Si positives et nécessaires que soient ces avancées, elles doivent cependant être appréciées en cohérence avec l'activité des opérateurs visés et avec la réalité. L'agence nationale de sécurité sanitaire de l'alimentation, de l'environnement et du travail a un projet immobilier de regroupement sur un seul site, au lieu de la dispersion actuelle sur trois sites, ce qui peut s'avérer positif. Ce regroupement et les économies qu'il permettrait fut d'ailleurs l'une des motivations du regroupement des trois agences. Un tel investissement serait réalisable par emprunt sur vingt ans, avec des traites annuelles égales aux loyers versés pour les trois sites payés sur la dotation de l'État. L'opération serait donc blanche, financée par les économies de loyers. Mais cela suppose un emprunt supérieur à un an ou que l'État consente à intégrer une logique de loyers budgétaires dans son approche au niveau des dotations effectuées aux opérateurs.
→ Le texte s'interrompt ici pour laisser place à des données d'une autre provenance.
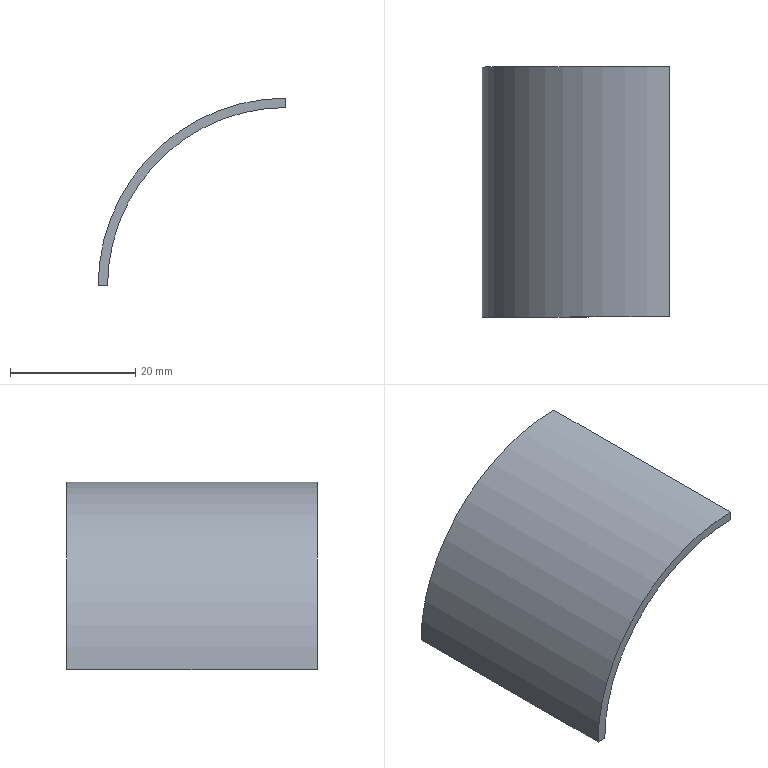Component | SolidWorks | dbj3-1_Mirror_Mirror_w12-4 | 1 solid | 6 faces | box 30 x 40 x 30 mm | volume 2757 mm3 | plane 4 | cylinder 2 | commonest cylinder face diameters 60 x1 57 x1
STEP:
#1=CARTESIAN_POINT('',(-9.843,-31.073,8.661));
#2=VERTEX_POINT('',#1);
#3=CARTESIAN_POINT('',(-8.661,-31.073,9.843));
#4=VERTEX_POINT('',#3);
#5=CARTESIAN_POINT('',(-8.661,-31.073,8.661));
#6=DIRECTION('',(-0.,1.,0.));
#7=DIRECTION('',(0.,0.,-1.));
#8=AXIS2_PLACEMENT_3D('',#5,#6,#7);
#9=CIRCLE('',#8,1.181);
#10=EDGE_CURVE('',#2,#4,#9,.T.);
#11=ORIENTED_EDGE('',*,*,#10,.T.);
#12=CARTESIAN_POINT('',(-8.661,-29.498,9.843));
#13=VERTEX_POINT('',#12);
#14=CARTESIAN_POINT('',(-8.661,-29.498,9.843));
#15=DIRECTION('',(0.,-1.,-0.));
#16=VECTOR('',#15,39.37);
#17=LINE('',#14,#16);
#18=EDGE_CURVE('',#13,#4,#17,.T.);
#19=ORIENTED_EDGE('',*,*,#18,.F.);
#20=CARTESIAN_POINT('',(-9.843,-29.498,8.661));
#21=VERTEX_POINT('',#20);
#22=CARTESIAN_POINT('',(-8.661,-29.498,8.661));
#23=DIRECTION('',(-0.,1.,0.));
#24=DIRECTION('',(0.,0.,-1.));
#25=AXIS2_PLACEMENT_3D('',#22,#23,#24);
#26=CIRCLE('',#25,1.181);
#27=EDGE_CURVE('',#21,#13,#26,.T.);
#28=ORIENTED_EDGE('',*,*,#27,.F.);
#29=CARTESIAN_POINT('',(-9.843,-29.498,8.661));
#30=DIRECTION('',(0.,-1.,-0.));
#31=VECTOR('',#30,39.37);
#32=LINE('',#29,#31);
#33=EDGE_CURVE('',#21,#2,#32,.T.);
#34=ORIENTED_EDGE('',*,*,#33,.T.);
#35=EDGE_LOOP('',(#11,#19,#28,#34));
#36=FACE_OUTER_BOUND('',#35,.T.);
#37=CARTESIAN_POINT('',(-8.661,-29.498,8.661));
#38=DIRECTION('',(0.,-1.,-0.));
#39=DIRECTION('',(0.,-0.,1.));
#40=AXIS2_PLACEMENT_3D('',#37,#38,#39);
#41=CYLINDRICAL_SURFACE('',#40,1.181);
#42=ADVANCED_FACE('',(#36),#41,.T.);
#43=CARTESIAN_POINT('',(-8.661,-31.073,9.783));
#44=VERTEX_POINT('',#43);
#45=CARTESIAN_POINT('',(-8.661,-31.073,9.783));
#46=DIRECTION('',(0.,-0.,1.));
#47=VECTOR('',#46,39.37);
#48=LINE('',#45,#47);
#49=EDGE_CURVE('',#44,#4,#48,.T.);
#50=ORIENTED_EDGE('',*,*,#49,.F.);
#51=CARTESIAN_POINT('',(-8.661,-29.498,9.783));
#52=VERTEX_POINT('',#51);
#53=CARTESIAN_POINT('',(-8.661,-29.498,9.783));
#54=DIRECTION('',(0.,-1.,-0.));
#55=VECTOR('',#54,39.37);
#56=LINE('',#53,#55);
#57=EDGE_CURVE('',#52,#44,#56,.T.);
#58=ORIENTED_EDGE('',*,*,#57,.F.);
#59=CARTESIAN_POINT('',(-8.661,-29.498,9.783));
#60=DIRECTION('',(0.,-0.,1.));
#61=VECTOR('',#60,39.37);
#62=LINE('',#59,#61);
#63=EDGE_CURVE('',#52,#13,#62,.T.);
#64=ORIENTED_EDGE('',*,*,#63,.T.);
#65=ORIENTED_EDGE('',*,*,#18,.T.);
#66=EDGE_LOOP('',(#50,#58,#64,#65));
#67=FACE_OUTER_BOUND('',#66,.T.);
#68=CARTESIAN_POINT('',(-8.661,-29.498,9.783));
#69=DIRECTION('',(1.,0.,-0.));
#70=DIRECTION('',(-0.,0.,-1.));
#71=AXIS2_PLACEMENT_3D('',#68,#69,#70);
#72=PLANE('',#71);
#73=ADVANCED_FACE('',(#67),#72,.T.);
#74=CARTESIAN_POINT('',(-9.783,-31.073,8.661));
#75=VERTEX_POINT('',#74);
#76=CARTESIAN_POINT('',(-8.661,-31.073,8.661));
#77=DIRECTION('',(-0.,1.,0.));
#78=DIRECTION('',(0.,0.,-1.));
#79=AXIS2_PLACEMENT_3D('',#76,#77,#78);
#80=CIRCLE('',#79,1.122);
#81=EDGE_CURVE('',#75,#44,#80,.T.);
#82=ORIENTED_EDGE('',*,*,#81,.F.);
#83=CARTESIAN_POINT('',(-9.783,-29.498,8.661));
#84=VERTEX_POINT('',#83);
#85=CARTESIAN_POINT('',(-9.783,-29.498,8.661));
#86=DIRECTION('',(0.,-1.,-0.));
#87=VECTOR('',#86,39.37);
#88=LINE('',#85,#87);
#89=EDGE_CURVE('',#84,#75,#88,.T.);
#90=ORIENTED_EDGE('',*,*,#89,.F.);
#91=CARTESIAN_POINT('',(-8.661,-29.498,8.661));
#92=DIRECTION('',(-0.,1.,0.));
#93=DIRECTION('',(0.,0.,-1.));
#94=AXIS2_PLACEMENT_3D('',#91,#92,#93);
#95=CIRCLE('',#94,1.122);
#96=EDGE_CURVE('',#84,#52,#95,.T.);
#97=ORIENTED_EDGE('',*,*,#96,.T.);
#98=ORIENTED_EDGE('',*,*,#57,.T.);
#99=EDGE_LOOP('',(#82,#90,#97,#98));
#100=FACE_OUTER_BOUND('',#99,.T.);
#101=CARTESIAN_POINT('',(-8.661,-29.498,8.661));
#102=DIRECTION('',(0.,-1.,-0.));
#103=DIRECTION('',(0.,-0.,1.));
#104=AXIS2_PLACEMENT_3D('',#101,#102,#103);
#105=CYLINDRICAL_SURFACE('',#104,1.122);
#106=ADVANCED_FACE('',(#100),#105,.F.);
#107=CARTESIAN_POINT('',(-9.843,-31.073,8.661));
#108=DIRECTION('',(1.,0.,-0.));
#109=VECTOR('',#108,39.37);
#110=LINE('',#107,#109);
#111=EDGE_CURVE('',#2,#75,#110,.T.);
#112=ORIENTED_EDGE('',*,*,#111,.F.);
#113=ORIENTED_EDGE('',*,*,#33,.F.);
#114=CARTESIAN_POINT('',(-9.843,-29.498,8.661));
#115=DIRECTION('',(1.,0.,-0.));
#116=VECTOR('',#115,39.37);
#117=LINE('',#114,#116);
#118=EDGE_CURVE('',#21,#84,#117,.T.);
#119=ORIENTED_EDGE('',*,*,#118,.T.);
#120=ORIENTED_EDGE('',*,*,#89,.T.);
#121=EDGE_LOOP('',(#112,#113,#119,#120));
#122=FACE_OUTER_BOUND('',#121,.T.);
#123=CARTESIAN_POINT('',(-9.843,-29.498,8.661));
#124=DIRECTION('',(-0.,0.,-1.));
#125=DIRECTION('',(-1.,-0.,0.));
#126=AXIS2_PLACEMENT_3D('',#123,#124,#125);
#127=PLANE('',#126);
#128=ADVANCED_FACE('',(#122),#127,.T.);
#129=ORIENTED_EDGE('',*,*,#27,.T.);
#130=ORIENTED_EDGE('',*,*,#63,.F.);
#131=ORIENTED_EDGE('',*,*,#96,.F.);
#132=ORIENTED_EDGE('',*,*,#118,.F.);
#133=EDGE_LOOP('',(#129,#130,#131,#132));
#134=FACE_OUTER_BOUND('',#133,.T.);
#135=CARTESIAN_POINT('',(-8.661,-29.498,8.661));
#136=DIRECTION('',(-0.,1.,0.));
#137=DIRECTION('',(-0.,0.,-1.));
#138=AXIS2_PLACEMENT_3D('',#135,#136,#137);
#139=PLANE('',#138);
#140=ADVANCED_FACE('',(#134),#139,.T.);
#141=ORIENTED_EDGE('',*,*,#10,.F.);
#142=ORIENTED_EDGE('',*,*,#111,.T.);
#143=ORIENTED_EDGE('',*,*,#81,.T.);
#144=ORIENTED_EDGE('',*,*,#49,.T.);
#145=EDGE_LOOP('',(#141,#142,#143,#144));
#146=FACE_OUTER_BOUND('',#145,.T.);
#147=CARTESIAN_POINT('',(-8.661,-31.073,8.661));
#148=DIRECTION('',(-0.,1.,0.));
#149=DIRECTION('',(-0.,0.,-1.));
#150=AXIS2_PLACEMENT_3D('',#147,#148,#149);
#151=PLANE('',#150);
#152=ADVANCED_FACE('',(#146),#151,.F.);
#153=CLOSED_SHELL('',(#42,#73,#106,#128,#140,#152));
#154=MANIFOLD_SOLID_BREP('',#153);
#155=CARTESIAN_POINT('',(0.,0.,0.));
#156=DIRECTION('',(0.,0.,1.));
#157=DIRECTION('',(1.,0.,0.));
#158=AXIS2_PLACEMENT_3D('',#155,#156,#157);
#159=(LENGTH_UNIT()NAMED_UNIT(*)SI_UNIT($,.METRE.));
#160=LENGTH_MEASURE_WITH_UNIT(LENGTH_MEASURE(0.0254),#159);
#161=DIMENSIONAL_EXPONENTS(1.,0.,0.,0.,0.,0.,0.);
#162=(CONVERSION_BASED_UNIT('',#160)LENGTH_UNIT()NAMED_UNIT(#161));
#163=UNCERTAINTY_MEASURE_WITH_UNIT(LENGTH_MEASURE(0.00001),#162,'','');
#164=(NAMED_UNIT(*)PLANE_ANGLE_UNIT()SI_UNIT($,.RADIAN.));
#165=(NAMED_UNIT(*)SI_UNIT($,.STERADIAN.)SOLID_ANGLE_UNIT());
#166=(GEOMETRIC_REPRESENTATION_CONTEXT(3)GLOBAL_UNCERTAINTY_ASSIGNED_CONTEXT((#163))GLOBAL_UNIT_ASSIGNED_CONTEXT((#162,#164,#165))REPRESENTATION_CONTEXT('',''));
#167=ADVANCED_BREP_SHAPE_REPRESENTATION('',(#154,#158),#166);
#168=COLOUR_RGB('',0.7922,0.8196,0.9333);
#169=FILL_AREA_STYLE_COLOUR('',#168);
#170=FILL_AREA_STYLE('',(#169));
#171=SURFACE_STYLE_FILL_AREA(#170);
#172=SURFACE_SIDE_STYLE('',(#171));
#173=SURFACE_STYLE_USAGE(.BOTH.,#172);
#174=PRESENTATION_STYLE_ASSIGNMENT((#173));
#175=STYLED_ITEM('',(#174),#154);
#176=PRESENTATION_LAYER_ASSIGNMENT('','',(#175));
#177=(LENGTH_UNIT()NAMED_UNIT(*)SI_UNIT($,.METRE.));
#178=LENGTH_MEASURE_WITH_UNIT(LENGTH_MEASURE(0.0254),#177);
#179=DIMENSIONAL_EXPONENTS(1.,0.,0.,0.,0.,0.,0.);
#180=(CONVERSION_BASED_UNIT('',#178)LENGTH_UNIT()NAMED_UNIT(#179));
#181=UNCERTAINTY_MEASURE_WITH_UNIT(LENGTH_MEASURE(0.00001),#180,'','');
#182=(NAMED_UNIT(*)PLANE_ANGLE_UNIT()SI_UNIT($,.RADIAN.));
#183=(NAMED_UNIT(*)SI_UNIT($,.STERADIAN.)SOLID_ANGLE_UNIT());
#184=(GEOMETRIC_REPRESENTATION_CONTEXT(3)GLOBAL_UNCERTAINTY_ASSIGNED_CONTEXT((#181))GLOBAL_UNIT_ASSIGNED_CONTEXT((#180,#182,#183))REPRESENTATION_CONTEXT('',''));
#185=MECHANICAL_DESIGN_GEOMETRIC_PRESENTATION_REPRESENTATION('',(#175),#184);

De la même manière, il faut prendre en compte, sur les plafonds d'emplois, l'activité des opérateurs. Certains sont industriels et dégagent la majorité de leurs ressources des contrats qu'ils souscrivent.

Enfin, puisque nous en sommes aux opérateurs, je voudrais évoquer la question des affectations. Aux termes de la LOLF, celles-ci devaient rester exceptionnelles, et les opérations retracées dans les comptes d'affectation spéciale être « financées au moyen de recettes particulières qui sont, par nature, en relation directe avec les dépenses concernées ». Or il semble que l'habitude se prenne de financer des opérateurs par affectations de recettes sans rapport. Il en va ainsi du financement du fonds interministériel de prévention de la délinquance par une partie du produit des amendes radars.

Il en va également ainsi des affectations effectuées dans la durée par un certain nombre d'opérateurs pour lesquels nous n'avons ensuite plus de nouvelles puisque la recette a été affectée, et dès lors qu'elle l'a été en totalité le Parlement n'a plus à en délibérer.